International
Kritik an Wahlen in der Ukraine
Bei der Parlamentswahl in der Ukraine liegt die Regierungskoalition von Präsident Viktor Janukowitsch klar in Führung. Doch Wahlbeobachter, unter ihnen der Schweizer Andreas Gross, sprechen von Wahlbetrug und ziehen eine negative Bilanz.
Boxweltmeister Vitali Klitschko schaffte mit seiner Partei Udar (Schlag) erstmals den Einzug ins Parlament. Der 41jährige forderte die demokratischen Kräfte in der Obersten Rada auf, gemeinsam für eine Ablösung des «korrupten Regimes» von Janukowitsch zu kämpfen.
Er erklärte sich zur Zusammenarbeit auch mit den Nationalisten sowie dem Oppositionsbündnis um Timoschenkos Vaterlands-Partei bereit. Die Partei der inhaftierten Oppositionschefin Julia Timoschenko wurde zweitstärkste Kraft. Unter den fünf Parteien im neuen Parlament sind erstmals auch die ultrarechten Nationalisten der Partei Swoboda (Freiheit).
Nach Angaben der Wahlleitung in Kiew kam die Partei der Regionen nach Auszählung von mehr als 50 Prozent der Wahlzettel auf rund 35 Prozent der Stimmen, die Vaterlandspartei von Timoschenko auf 22 und die Partei der Kommunisten auf 15 Prozent. Die Klitschko-Partei erreichte knapp 13 Prozent, die rechtspopulistische Freiheitspartei 8 Prozent.
Stärkere Opposition
Janukowitsch wird nun jedoch mit einer wiederbelebten Opposition konfrontiert: Der Parlamentseinzug des liberalen Politikers Klitschko und ein überraschend starkes Wahlergebnis der Nationalisten bringen den durch die Inhaftierung ihrer Gallionsfigur Julia Timoschenko geschwächten Janukowitsch-Gegnern neue Impulse.
Dass sich Klitschko nun im Parlament befände, sei ein Erfolg für ihn, so SF-Korrespondent Christof Franzen in Kiew. Vor allem habe er als Politiker viele Sympathien gewonnen. «Nicht wenige sagen, er sei ein guter Kandidat für die Präsidentschaftswahlen von 2015.»
Von der Opposition gebe es heftige Kritik an den Wahlen. Sie sprächen von Manipulation und rechtswidrigen Einflüssen.

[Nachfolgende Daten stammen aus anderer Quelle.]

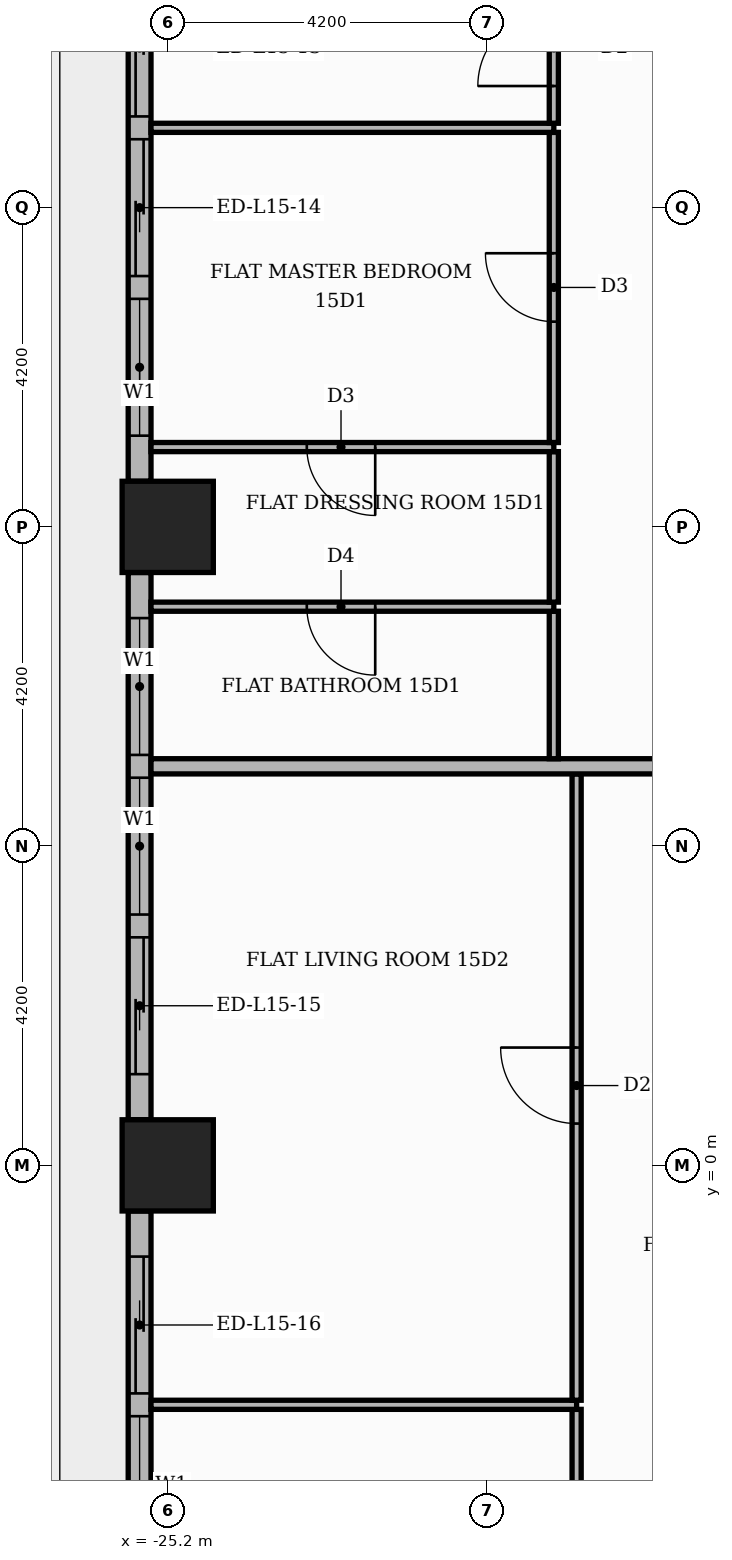
"""IFC4 building model, lengths in metres.
Left out: names, types, materials, properties, quantities, classifications, styles, units other than length and angle.
Written with IfcOpenShell. Run it as: python <this file> out.ifc"""

import sys

from ifc_helpers import new_model, si_unit, direction, frame, frame_2d, origin, origin_2d, place, context, subcontext, project, spatial, rectangle, extrude, element, fill, save


model = new_model("IFC4")
c1 = context("Model", 3, precision=1e-05, world=origin(), true_north=direction((0.0, 1.0)))
c2 = subcontext(c1, "Body", "Model", "MODEL_VIEW")
j1 = project(units=[si_unit("LENGTHUNIT", "METRE"), si_unit("PLANEANGLEUNIT", "RADIAN")], contexts=[c1])
p1 = place(None, origin())
s1 = spatial("IfcSite", under=j1, at=p1, CompositionType="ELEMENT")
p2 = place(p1, origin())
s2 = spatial("IfcBuilding", under=s1, at=p2, CompositionType="ELEMENT")
p3 = place(p2, frame((0.0, 0.0, 66.0)))
s3 = spatial("IfcBuildingStorey", under=s2, at=p3, CompositionType="ELEMENT", Elevation=66.0)
for number, where, z_axis, x_axis in (
    (1, (-25.2, 0.0, 0.0), (0.0, 0.0, 1.0), (1.0, 0.0, 0.0)),
    (2, (-25.2, 8.4, 0.0), (0.0, 0.0, 1.0), (1.0, 0.0, 0.0)),
):
    element("IfcColumn", number, at=place(p3, frame(where, z_axis=z_axis, x_axis=x_axis)), inside=s3, PredefinedType="COLUMN", context=c2, shape_type="SweptSolid", body=[
        extrude(rectangle(XDim=1.2, YDim=1.2, at=origin_2d()), origin(), (0.0, 0.0, 1.0), 3.9),
    ])
p4 = place(p3, frame((-25.57, 16.2, 0.0), z_axis=(0.0, 0.0, 1.0), x_axis=(0.0, -1.0, 0.0)))
e3 = element("IfcWall", 3, at=p4, inside=s3, PredefinedType="STANDARD", context=c2, shape_type="SweptSolid", body=[
    extrude(rectangle(XDim=7.2, YDim=0.3, at=frame_2d((3.6, 0.0))), origin(), (0.0, 0.0, 1.0), 3.48),
])
p5 = place(p4, frame((0.6, 0.0, 0.0)))
e4 = element("IfcOpeningElement", 4, at=p5, cuts=e3, PredefinedType="OPENING", context=c2, shape_type="SweptSolid", body=[
    extrude(rectangle(XDim=1.8, YDim=2.4, at=frame_2d((0.9, 1.2))), frame((0.0, 0.16, 0.0), z_axis=(0.0, -1.0, 0.0), x_axis=(1.0, 0.0, 0.0)), (0.0, 0.0, 1.0), 0.32),
])
p6 = place(p4, frame((2.7, 0.0, 0.0)))
e5 = element("IfcOpeningElement", 5, at=p6, cuts=e3, PredefinedType="OPENING", context=c2, shape_type="SweptSolid", body=[
    extrude(rectangle(XDim=1.8, YDim=2.4, at=frame_2d((0.9, 1.2))), frame((0.0, 0.16, 0.0), z_axis=(0.0, -1.0, 0.0), x_axis=(1.0, 0.0, 0.0)), (0.0, 0.0, 1.0), 0.32),
])
p7 = place(p4, frame((4.8, 0.0, 0.9)))
e6 = element("IfcOpeningElement", 6, at=p7, cuts=e3, PredefinedType="OPENING", context=c2, shape_type="SweptSolid", body=[
    extrude(rectangle(XDim=1.8, YDim=2.1, at=frame_2d((0.9, 1.05))), frame((0.0, 0.16, 0.0), z_axis=(0.0, -1.0, 0.0), x_axis=(1.0, 0.0, 0.0)), (0.0, 0.0, 1.0), 0.32),
])
p8 = place(p3, frame((-25.57, 7.8, 0.0), z_axis=(0.0, 0.0, 1.0), x_axis=(0.0, -1.0, 0.0)))
e7 = element("IfcWall", 7, at=p8, inside=s3, PredefinedType="STANDARD", context=c2, shape_type="SweptSolid", body=[
    extrude(rectangle(XDim=7.2, YDim=0.3, at=frame_2d((3.6, 0.0))), origin(), (0.0, 0.0, 1.0), 3.48),
])
p9 = place(p8, frame((0.6, 0.0, 0.9)))
e8 = element("IfcOpeningElement", 8, at=p9, cuts=e7, PredefinedType="OPENING", context=c2, shape_type="SweptSolid", body=[
    extrude(rectangle(XDim=1.8, YDim=2.1, at=frame_2d((0.9, 1.05))), frame((0.0, 0.16, 0.0), z_axis=(0.0, -1.0, 0.0), x_axis=(1.0, 0.0, 0.0)), (0.0, 0.0, 1.0), 0.32),
])
p10 = place(p8, frame((2.7, 0.0, 0.9)))
e9 = element("IfcOpeningElement", 9, at=p10, cuts=e7, PredefinedType="OPENING", context=c2, shape_type="SweptSolid", body=[
    extrude(rectangle(XDim=1.8, YDim=2.1, at=frame_2d((0.9, 1.05))), frame((0.0, 0.16, 0.0), z_axis=(0.0, -1.0, 0.0), x_axis=(1.0, 0.0, 0.0)), (0.0, 0.0, 1.0), 0.32),
])
p11 = place(p8, frame((4.8, 0.0, 0.0)))
e10 = element("IfcOpeningElement", 10, at=p11, cuts=e7, PredefinedType="OPENING", context=c2, shape_type="SweptSolid", body=[
    extrude(rectangle(XDim=1.8, YDim=2.4, at=frame_2d((0.9, 1.2))), frame((0.0, 0.16, 0.0), z_axis=(0.0, -1.0, 0.0), x_axis=(1.0, 0.0, 0.0)), (0.0, 0.0, 1.0), 0.32),
])
p12 = place(p3, frame((-25.57, -0.6, 0.0), z_axis=(0.0, 0.0, 1.0), x_axis=(0.0, -1.0, 0.0)))
e11 = element("IfcWall", 11, at=p12, inside=s3, PredefinedType="STANDARD", context=c2, shape_type="SweptSolid", body=[
    extrude(rectangle(XDim=7.2, YDim=0.3, at=frame_2d((3.6, 0.0))), origin(), (0.0, 0.0, 1.0), 3.48),
])
p13 = place(p12, frame((0.6, 0.0, 0.0)))
e12 = element("IfcOpeningElement", 12, at=p13, cuts=e11, PredefinedType="OPENING", context=c2, shape_type="SweptSolid", body=[
    extrude(rectangle(XDim=1.8, YDim=2.4, at=frame_2d((0.9, 1.2))), frame((0.0, 0.16, 0.0), z_axis=(0.0, -1.0, 0.0), x_axis=(1.0, 0.0, 0.0)), (0.0, 0.0, 1.0), 0.32),
])
p14 = place(p12, frame((2.7, 0.0, 0.9)))
e13 = element("IfcOpeningElement", 13, at=p14, cuts=e11, PredefinedType="OPENING", context=c2, shape_type="SweptSolid", body=[
    extrude(rectangle(XDim=1.8, YDim=2.1, at=frame_2d((0.9, 1.05))), frame((0.0, 0.16, 0.0), z_axis=(0.0, -1.0, 0.0), x_axis=(1.0, 0.0, 0.0)), (0.0, 0.0, 1.0), 0.32),
])
p15 = place(p12, frame((4.8, 0.0, 0.0)))
e14 = element("IfcOpeningElement", 14, at=p15, cuts=e11, PredefinedType="OPENING", context=c2, shape_type="SweptSolid", body=[
    extrude(rectangle(XDim=1.8, YDim=2.4, at=frame_2d((0.9, 1.2))), frame((0.0, 0.16, 0.0), z_axis=(0.0, -1.0, 0.0), x_axis=(1.0, 0.0, 0.0)), (0.0, 0.0, 1.0), 0.32),
])
p16 = place(p3, frame((-19.82, -9.39, 0.0), z_axis=(0.0, 0.0, 1.0), x_axis=(0.0, 1.0, 0.0)))
e15 = element("IfcWall", 15, at=p16, inside=s3, PredefinedType="PARTITIONING", context=c2, shape_type="SweptSolid", body=[
    extrude(rectangle(XDim=6.18, YDim=0.12, at=frame_2d((3.09, 0.0))), origin(), (0.0, 0.0, 1.0), 3.48),
])
p17 = place(p16, frame((2.64, 0.0, 0.0)))
e16 = element("IfcOpeningElement", 16, at=p17, cuts=e15, PredefinedType="OPENING", context=c2, shape_type="SweptSolid", body=[
    extrude(rectangle(XDim=0.9, YDim=2.1, at=frame_2d((0.45, 1.05))), frame((0.0, 0.07, 0.0), z_axis=(0.0, -1.0, 0.0), x_axis=(1.0, 0.0, 0.0)), (0.0, 0.0, 1.0), 0.14),
])
p18 = place(p3, frame((-25.42, -3.15, 0.0), z_axis=(0.0, 0.0, 1.0), x_axis=(1.0, 0.0, 0.0)))
e17 = element("IfcWall", 17, at=p18, inside=s3, PredefinedType="PARTITIONING", context=c2, shape_type="SweptSolid", body=[
    extrude(rectangle(XDim=5.6, YDim=0.12, at=frame_2d((2.8, 0.0))), origin(), (0.0, 0.0, 1.0), 3.48),
])
p19 = place(p3, frame((-19.82, -3.09, 0.0), z_axis=(0.0, 0.0, 1.0), x_axis=(0.0, 1.0, 0.0)))
e18 = element("IfcWall", 18, at=p19, inside=s3, PredefinedType="PARTITIONING", context=c2, shape_type="SweptSolid", body=[
    extrude(rectangle(XDim=8.24, YDim=0.12, at=frame_2d((4.12, 0.0))), origin(), (0.0, 0.0, 1.0), 3.48),
])
p20 = place(p19, frame((3.64, 0.0, 0.0)))
e19 = element("IfcOpeningElement", 19, at=p20, cuts=e18, PredefinedType="OPENING", context=c2, shape_type="SweptSolid", body=[
    extrude(rectangle(XDim=1.0, YDim=2.1, at=frame_2d((0.5, 1.05))), frame((0.0, 0.07, 0.0), z_axis=(0.0, -1.0, 0.0), x_axis=(1.0, 0.0, 0.0)), (0.0, 0.0, 1.0), 0.14),
])
p21 = place(p3, frame((-25.42, 5.25, 0.0), z_axis=(0.0, 0.0, 1.0), x_axis=(1.0, 0.0, 0.0)))
e20 = element("IfcWall", 20, at=p21, inside=s3, PredefinedType="PARTITIONING", context=c2, shape_type="SweptSolid", body=[
    extrude(rectangle(XDim=11.77, YDim=0.2, at=frame_2d((5.885, 0.0))), origin(), (0.0, 0.0, 1.0), 3.48),
])
p22 = place(p3, frame((-20.12, 5.35, 0.0), z_axis=(0.0, 0.0, 1.0), x_axis=(0.0, 1.0, 0.0)))
e21 = element("IfcWall", 21, at=p22, inside=s3, PredefinedType="PARTITIONING", context=c2, shape_type="SweptSolid", body=[
    extrude(rectangle(XDim=1.94, YDim=0.12, at=frame_2d((0.97, 0.0))), origin(), (0.0, 0.0, 1.0), 3.48),
])
p23 = place(p3, frame((-25.42, 7.35, 0.0), z_axis=(0.0, 0.0, 1.0), x_axis=(1.0, 0.0, 0.0)))
e22 = element("IfcWall", 22, at=p23, inside=s3, PredefinedType="PARTITIONING", context=c2, shape_type="SweptSolid", body=[
    extrude(rectangle(XDim=5.3, YDim=0.12, at=frame_2d((2.65, 0.0))), origin(), (0.0, 0.0, 1.0), 3.48),
])
p24 = place(p23, frame((2.05, 0.0, 0.0)))
e23 = element("IfcOpeningElement", 23, at=p24, cuts=e22, PredefinedType="OPENING", context=c2, shape_type="SweptSolid", body=[
    extrude(rectangle(XDim=0.9, YDim=2.1, at=frame_2d((0.45, 1.05))), frame((0.0, 0.07, 0.0), z_axis=(0.0, -1.0, 0.0), x_axis=(1.0, 0.0, 0.0)), (0.0, 0.0, 1.0), 0.14),
])
p25 = place(p3, frame((-20.12, 7.41, 0.0), z_axis=(0.0, 0.0, 1.0), x_axis=(0.0, 1.0, 0.0)))
e24 = element("IfcWall", 24, at=p25, inside=s3, PredefinedType="PARTITIONING", context=c2, shape_type="SweptSolid", body=[
    extrude(rectangle(XDim=1.98, YDim=0.12, at=frame_2d((0.99, 0.0))), origin(), (0.0, 0.0, 1.0), 3.48),
])
p26 = place(p3, frame((-25.42, 9.45, 0.0), z_axis=(0.0, 0.0, 1.0), x_axis=(1.0, 0.0, 0.0)))
e25 = element("IfcWall", 25, at=p26, inside=s3, PredefinedType="PARTITIONING", context=c2, shape_type="SweptSolid", body=[
    extrude(rectangle(XDim=5.3, YDim=0.12, at=frame_2d((2.65, 0.0))), origin(), (0.0, 0.0, 1.0), 3.48),
])
p27 = place(p26, frame((2.05, 0.0, 0.0)))
e26 = element("IfcOpeningElement", 26, at=p27, cuts=e25, PredefinedType="OPENING", context=c2, shape_type="SweptSolid", body=[
    extrude(rectangle(XDim=0.9, YDim=2.1, at=frame_2d((0.45, 1.05))), frame((0.0, 0.07, 0.0), z_axis=(0.0, -1.0, 0.0), x_axis=(1.0, 0.0, 0.0)), (0.0, 0.0, 1.0), 0.14),
])
p28 = place(p3, frame((-20.12, 9.51, 0.0), z_axis=(0.0, 0.0, 1.0), x_axis=(0.0, 1.0, 0.0)))
e27 = element("IfcWall", 27, at=p28, inside=s3, PredefinedType="PARTITIONING", context=c2, shape_type="SweptSolid", body=[
    extrude(rectangle(XDim=4.08, YDim=0.12, at=frame_2d((2.04, 0.0))), origin(), (0.0, 0.0, 1.0), 3.48),
])
p29 = place(p28, frame((1.59, 0.0, 0.0)))
e28 = element("IfcOpeningElement", 28, at=p29, cuts=e27, PredefinedType="OPENING", context=c2, shape_type="SweptSolid", body=[
    extrude(rectangle(XDim=0.9, YDim=2.1, at=frame_2d((0.45, 1.05))), frame((0.0, 0.07, 0.0), z_axis=(0.0, -1.0, 0.0), x_axis=(1.0, 0.0, 0.0)), (0.0, 0.0, 1.0), 0.14),
])
p30 = place(p3, frame((-25.42, 13.65, 0.0), z_axis=(0.0, 0.0, 1.0), x_axis=(1.0, 0.0, 0.0)))
e29 = element("IfcWall", 29, at=p30, inside=s3, PredefinedType="PARTITIONING", context=c2, shape_type="SweptSolid", body=[
    extrude(rectangle(XDim=5.3, YDim=0.12, at=frame_2d((2.65, 0.0))), origin(), (0.0, 0.0, 1.0), 3.48),
])
p31 = place(p3, frame((-20.12, 13.71, 0.0), z_axis=(0.0, 0.0, 1.0), x_axis=(0.0, 1.0, 0.0)))
e30 = element("IfcWall", 30, at=p31, inside=s3, PredefinedType="PARTITIONING", context=c2, shape_type="SweptSolid", body=[
    extrude(rectangle(XDim=1.98, YDim=0.12, at=frame_2d((0.99, 0.0))), origin(), (0.0, 0.0, 1.0), 3.48),
])
p32 = place(p31, frame((0.49, 0.0, 0.0)))
e31 = element("IfcOpeningElement", 31, at=p32, cuts=e30, PredefinedType="OPENING", context=c2, shape_type="SweptSolid", body=[
    extrude(rectangle(XDim=1.0, YDim=2.1, at=frame_2d((0.5, 1.05))), frame((0.0, 0.07, 0.0), z_axis=(0.0, -1.0, 0.0), x_axis=(1.0, 0.0, 0.0)), (0.0, 0.0, 1.0), 0.14),
])
p33 = place(p5, origin())
e32 = element("IfcDoor", 32, at=p33, inside=s3, OperationType="SLIDING_TO_LEFT", PredefinedType="DOOR", context=c2, shape_type="SweptSolid", body=[
    extrude(rectangle(XDim=1.8, YDim=2.4, at=frame_2d((0.9, 1.2))), frame((0.0, 0.025, 0.0), z_axis=(0.0, -1.0, 0.0), x_axis=(1.0, 0.0, 0.0)), (0.0, 0.0, 1.0), 0.05),
])
fill(e4, e32)
p34 = place(p6, origin())
e33 = element("IfcDoor", 33, at=p34, inside=s3, OperationType="SLIDING_TO_RIGHT", PredefinedType="DOOR", context=c2, shape_type="SweptSolid", body=[
    extrude(rectangle(XDim=1.8, YDim=2.4, at=frame_2d((0.9, 1.2))), frame((0.0, 0.025, 0.0), z_axis=(0.0, -1.0, 0.0), x_axis=(1.0, 0.0, 0.0)), (0.0, 0.0, 1.0), 0.05),
])
fill(e5, e33)
p35 = place(p7, origin())
e34 = element("IfcWindow", 34, at=p35, inside=s3, PartitioningType="SINGLE_PANEL", PredefinedType="WINDOW", context=c2, shape_type="SweptSolid", body=[
    extrude(rectangle(XDim=1.8, YDim=2.1, at=frame_2d((0.9, 1.05))), frame((0.0, 0.03, 0.0), z_axis=(0.0, -1.0, 0.0), x_axis=(1.0, 0.0, 0.0)), (0.0, 0.0, 1.0), 0.06),
])
fill(e6, e34)
p36 = place(p9, origin())
e35 = element("IfcWindow", 35, at=p36, inside=s3, PartitioningType="SINGLE_PANEL", PredefinedType="WINDOW", context=c2, shape_type="SweptSolid", body=[
    extrude(rectangle(XDim=1.8, YDim=2.1, at=frame_2d((0.9, 1.05))), frame((0.0, 0.03, 0.0), z_axis=(0.0, -1.0, 0.0), x_axis=(1.0, 0.0, 0.0)), (0.0, 0.0, 1.0), 0.06),
])
fill(e8, e35)
p37 = place(p10, origin())
e36 = element("IfcWindow", 36, at=p37, inside=s3, PartitioningType="SINGLE_PANEL", PredefinedType="WINDOW", context=c2, shape_type="SweptSolid", body=[
    extrude(rectangle(XDim=1.8, YDim=2.1, at=frame_2d((0.9, 1.05))), frame((0.0, 0.03, 0.0), z_axis=(0.0, -1.0, 0.0), x_axis=(1.0, 0.0, 0.0)), (0.0, 0.0, 1.0), 0.06),
])
fill(e9, e36)
p38 = place(p11, origin())
e37 = element("IfcDoor", 37, at=p38, inside=s3, OperationType="SLIDING_TO_RIGHT", PredefinedType="DOOR", context=c2, shape_type="SweptSolid", body=[
    extrude(rectangle(XDim=1.8, YDim=2.4, at=frame_2d((0.9, 1.2))), frame((0.0, 0.025, 0.0), z_axis=(0.0, -1.0, 0.0), x_axis=(1.0, 0.0, 0.0)), (0.0, 0.0, 1.0), 0.05),
])
fill(e10, e37)
p39 = place(p13, origin())
e38 = element("IfcDoor", 38, at=p39, inside=s3, OperationType="SLIDING_TO_LEFT", PredefinedType="DOOR", context=c2, shape_type="SweptSolid", body=[
    extrude(rectangle(XDim=1.8, YDim=2.4, at=frame_2d((0.9, 1.2))), frame((0.0, 0.025, 0.0), z_axis=(0.0, -1.0, 0.0), x_axis=(1.0, 0.0, 0.0)), (0.0, 0.0, 1.0), 0.05),
])
fill(e12, e38)
p40 = place(p14, origin())
e39 = element("IfcWindow", 39, at=p40, inside=s3, PartitioningType="SINGLE_PANEL", PredefinedType="WINDOW", context=c2, shape_type="SweptSolid", body=[
    extrude(rectangle(XDim=1.8, YDim=2.1, at=frame_2d((0.9, 1.05))), frame((0.0, 0.03, 0.0), z_axis=(0.0, -1.0, 0.0), x_axis=(1.0, 0.0, 0.0)), (0.0, 0.0, 1.0), 0.06),
])
fill(e13, e39)
p41 = place(p32, origin())
e40 = element("IfcDoor", 40, at=p41, inside=s3, OperationType="SINGLE_SWING_LEFT", PredefinedType="DOOR", context=c2, shape_type="SweptSolid", body=[
    extrude(rectangle(XDim=1.0, YDim=2.1, at=frame_2d((0.5, 1.05))), frame((0.0, 0.025, 0.0), z_axis=(0.0, -1.0, 0.0), x_axis=(1.0, 0.0, 0.0)), (0.0, 0.0, 1.0), 0.05),
])
fill(e31, e40)
p42 = place(p29, origin())
e41 = element("IfcDoor", 41, at=p42, inside=s3, OperationType="SINGLE_SWING_RIGHT", PredefinedType="DOOR", context=c2, shape_type="SweptSolid", body=[
    extrude(rectangle(XDim=0.9, YDim=2.1, at=frame_2d((0.45, 1.05))), frame((0.0, 0.025, 0.0), z_axis=(0.0, -1.0, 0.0), x_axis=(1.0, 0.0, 0.0)), (0.0, 0.0, 1.0), 0.05),
])
fill(e28, e41)
p43 = place(p27, frame((0.9, 0.0, 0.0), z_axis=(0.0, 0.0, 1.0), x_axis=(-1.0, 0.0, 0.0)))
e42 = element("IfcDoor", 42, at=p43, inside=s3, OperationType="SINGLE_SWING_RIGHT", PredefinedType="DOOR", context=c2, shape_type="SweptSolid", body=[
    extrude(rectangle(XDim=0.9, YDim=2.1, at=frame_2d((0.45, 1.05))), frame((0.0, 0.025, 0.0), z_axis=(0.0, -1.0, 0.0), x_axis=(1.0, 0.0, 0.0)), (0.0, 0.0, 1.0), 0.05),
])
fill(e26, e42)
p44 = place(p24, frame((0.9, 0.0, 0.0), z_axis=(0.0, 0.0, 1.0), x_axis=(-1.0, 0.0, 0.0)))
e43 = element("IfcDoor", 43, at=p44, inside=s3, OperationType="SINGLE_SWING_RIGHT", PredefinedType="DOOR", context=c2, shape_type="SweptSolid", body=[
    extrude(rectangle(XDim=0.9, YDim=2.1, at=frame_2d((0.45, 1.05))), frame((0.0, 0.025, 0.0), z_axis=(0.0, -1.0, 0.0), x_axis=(1.0, 0.0, 0.0)), (0.0, 0.0, 1.0), 0.05),
])
fill(e23, e43)
p45 = place(p20, origin())
e44 = element("IfcDoor", 44, at=p45, inside=s3, OperationType="SINGLE_SWING_RIGHT", PredefinedType="DOOR", context=c2, shape_type="SweptSolid", body=[
    extrude(rectangle(XDim=1.0, YDim=2.1, at=frame_2d((0.5, 1.05))), frame((0.0, 0.025, 0.0), z_axis=(0.0, -1.0, 0.0), x_axis=(1.0, 0.0, 0.0)), (0.0, 0.0, 1.0), 0.05),
])
fill(e19, e44)
save(model, sys.argv[1])

Es falle auf, dass sich die Resultate doch ziemlich von den Wahlbefragungen von gestern unterscheiden würde, so Franzen.
Kritik von den Wahlbeobachtern
Die Wahlbeobachter der Organisation für Sicherheit und Zusammenarbeit in Europa (OSZE) haben die Bedingungen im Wahlkampf in der Ukraine als unfair kritisiert. Im Vergleich zu Wahlen in der Vergangenheit sei die Abstimmung am Sonntag ein Rückschritt gewesen.
Andreas Gross, Wahlbeobachter aus der Schweiz, sagte gegenüber der «Tagesschau», dass die ukrainische Bevölkerung zwar fähig für Demokratie sei. «Die Gesetzgebung aber erlaubt es ihnen nicht, das demokratische Potenzial auch zu realisieren.» Trotz transparenter Stimmzettel-Boxen, trotz montierter Web-Cams sei die Wahl aufgrund fehlender Pluralität manipuliert gewesen.
Über 3000 Beobachter vor Ort
Von Wahlbeobachtern wurde zudem kritisiert, dass Oppositionsführerin Julia Timoschenko wegen einer Haftstrafe nicht bei der Abstimmung kandidieren durfte. Die Beobachter beklagten auch eine undurchsichtige Parteienfinanzierung und einen ungleichen Zugang zu den Medien für die Parteien in der ehemaligen Sowjetrepublik vor der Abstimmung am Vortag.
Insgesamt waren 3700 internationale Beobachter präsent. Im Vorfeld hatte die Opposition Benachteiligung und während der Abstimmung Unregelmässigkeiten beklagt.